# Wheel Sealant



## wstrain87 (Jan 26, 2009)

Anyone know where I could buy either Poorboys Wheel Sealant or Chemical Guys Wheel Gaurd in Northern Ireland? Preferably either Down/Antrim/Armagh areas?

Thanks


----------



## PJS (Aug 18, 2007)

You've got to be joking?
No-one in the province bothers with anything if it doesn't say Meguiar's, Autoglym, or Turtle Wax on it!
You'll have to do what everyone else does - buy it online from their favourite reseller.


----------



## wstrain87 (Jan 26, 2009)

PJS said:


> You've got to be joking?
> No-one in the province bothers with anything if it doesn't say Meguiar's, Autoglym, or Turtle Wax on it!
> You'll have to do what everyone else does - buy it online from their favourite reseller.


Thought that was probably the case.
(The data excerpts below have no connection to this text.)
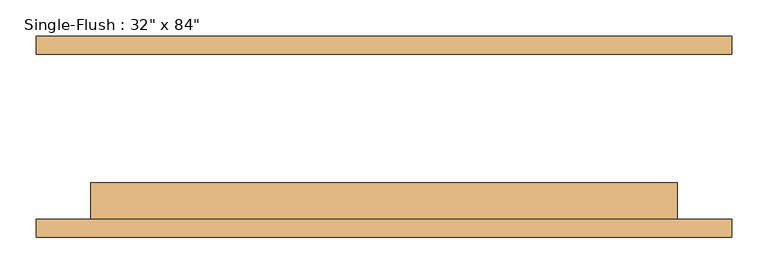
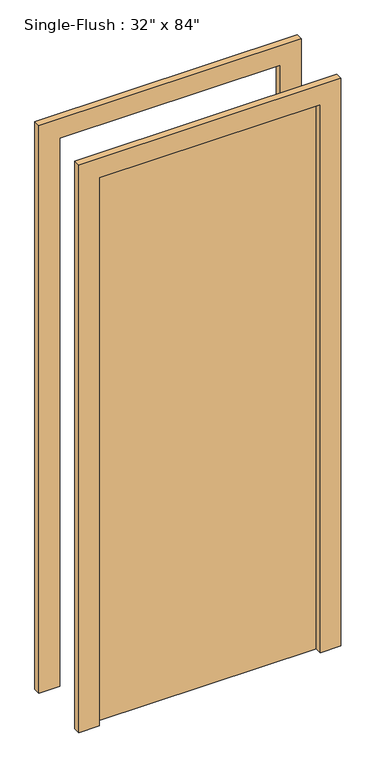
"""IFC4 building model written with IfcOpenShell, lengths in millimetres: door geometry."""

from ifc_helpers import new_model, si_unit, frame, origin, origin_with_axes, place, context, project, spatial, polyline, outline, extrude, source, transform, mapped, element, save


def door_7b345704(model_context):
    return source(origin(), model_context, "Body", "SweptSolid", [
        extrude(outline(polyline([(2209.8, -482.6), (0.0, -482.6), (0.0, -406.4), (2133.6, -406.4), (2133.6, 406.4), (0.0, 406.4), (0.0, 482.6), (2209.8, 482.6), (2209.8, -482.6)])), frame((0.0, -139.7, 0.0), z_axis=(0.0, 1.0, 0.0), x_axis=(0.0, 0.0, 1.0)), (0.0, 0.0, 1.0), 25.4),
        extrude(outline(polyline([(2209.8, 482.6), (2209.8, -482.6), (0.0, -482.6), (0.0, -406.4), (2133.6, -406.4), (2133.6, 406.4), (0.0, 406.4), (0.0, 482.6), (2209.8, 482.6)])), frame((0.0, 114.3, 0.0), z_axis=(0.0, 1.0, 0.0), x_axis=(0.0, 0.0, 1.0)), (0.0, 0.0, 1.0), 25.4),
        extrude(outline(polyline([(406.4, -63.5), (406.4, -114.3), (-406.4, -114.3), (-406.4, -63.5), (406.4, -63.5)])), origin_with_axes(), (0.0, 0.0, 1.0), 2133.6),
    ])


if __name__ == "__main__":
    model = new_model("IFC4")
    model_context = context("Model", 3, world=origin())
    ifc_project = project(units=[si_unit("LENGTHUNIT", "METRE", prefix="MILLI")], contexts=[model_context])
    site = spatial("IfcSite", under=ifc_project)
    building = spatial("IfcBuilding", under=site)
    placement = place(None, origin())
    door_shape = door_7b345704(model_context)
    element("IfcDoor", 1, ObjectType="Single-Flush : 32\" x 84\"", at=placement, inside=building, context=model_context, shape_type="MappedRepresentation", body=[
        mapped(door_shape, transform((0.0, 0.0, 0.0), x_axis=(1.0, 0.0, 0.0), y_axis=(0.0, 1.0, 0.0), z_axis=(0.0, 0.0, 1.0))),
    ])
    save(model, "model.ifc")

# Revit data of these elements
# Type "Single-Flush : 32\" x 84\""
#   Type Mark = "3"
#   Construction Type Id = "MDOOR"
#   Assembly Code = "C1020"
#   Analytic Construction = "Metal"
#   Thickness = 0' - 2"
#   Heat Transfer Coefficient (U) = 0.651978 BTU/(h·ft²·°F)
#   Height = 7' - 0"
#   Trim Projection Ext = 0' - 1"
#   Trim Projection Int = 0' - 1"
#   Trim Width = 0' - 3"
#   Width = 2' - 8"
#   Define Thermal Properties by = 1
#   Define Thermal Properties by = 1
#   Door Material = Door - Panel
#   Frame Material = Door - Frame
#   Visual Light Transmittance = 0
#   Solar Heat Gain Coefficient = 0
#   Function = (empty or 0)
#   Wall Closure = (empty or 0)
# Element 1 (IfcDoor, "Single-Flush : 32\" x 84\"")
#   Materials on its faces: "Door - Frame", "Door - Panel"
# Materials
#   "Door - Panel": class "Wood", colour RGB 210 159 95, transparency 0, Cost = 0
#   "Door - Frame": colour RGB 118 70 51, transparency 0, Cost = 0

Just wondered if anyone knew of anyone at all that tends to buy a small amount of stock in. Considering I would need it in a hurry, would I be better just getting Autoglym EGP? Or are there better products readily available in NI that would do a good job? I tried just using normal wax, but TBH it was pretty woeful.


----------



## rolled1 (May 26, 2008)

I use EGP on alloys after first prepping them with SRP and it works fine,your only other option is too order online,it's no big deal as most of the sellers advertised on here will have the stuff on your doorstep next day.


----------



## wstrain87 (Jan 26, 2009)

rolled1 said:


> I use EGP on alloys after first prepping them with SRP and it works fine,your only other option is too order online,it's no big deal as most of the sellers advertised on here will have the stuff on your doorstep next day.


I didn't think it would be that quick over here. Unfortunately I wouldnt be able to order til tomorrow and need it for Monday, so won't suit me this time, but I will remember that for next time. Think I'll just use the old SRP/EGP combo.


----------



## chrisibiza (Aug 6, 2008)

I ordered the poorboys wheel sealant off ebay so im hoping it comes soon!


----------



## Ralli///mart (Oct 22, 2008)

I buy my poorboys/chemical guys of these chaps. Its free delivery and it only takes a few days at he most. They have a good range too.

:thumb:

http://www.performancemotorcare.com/


----------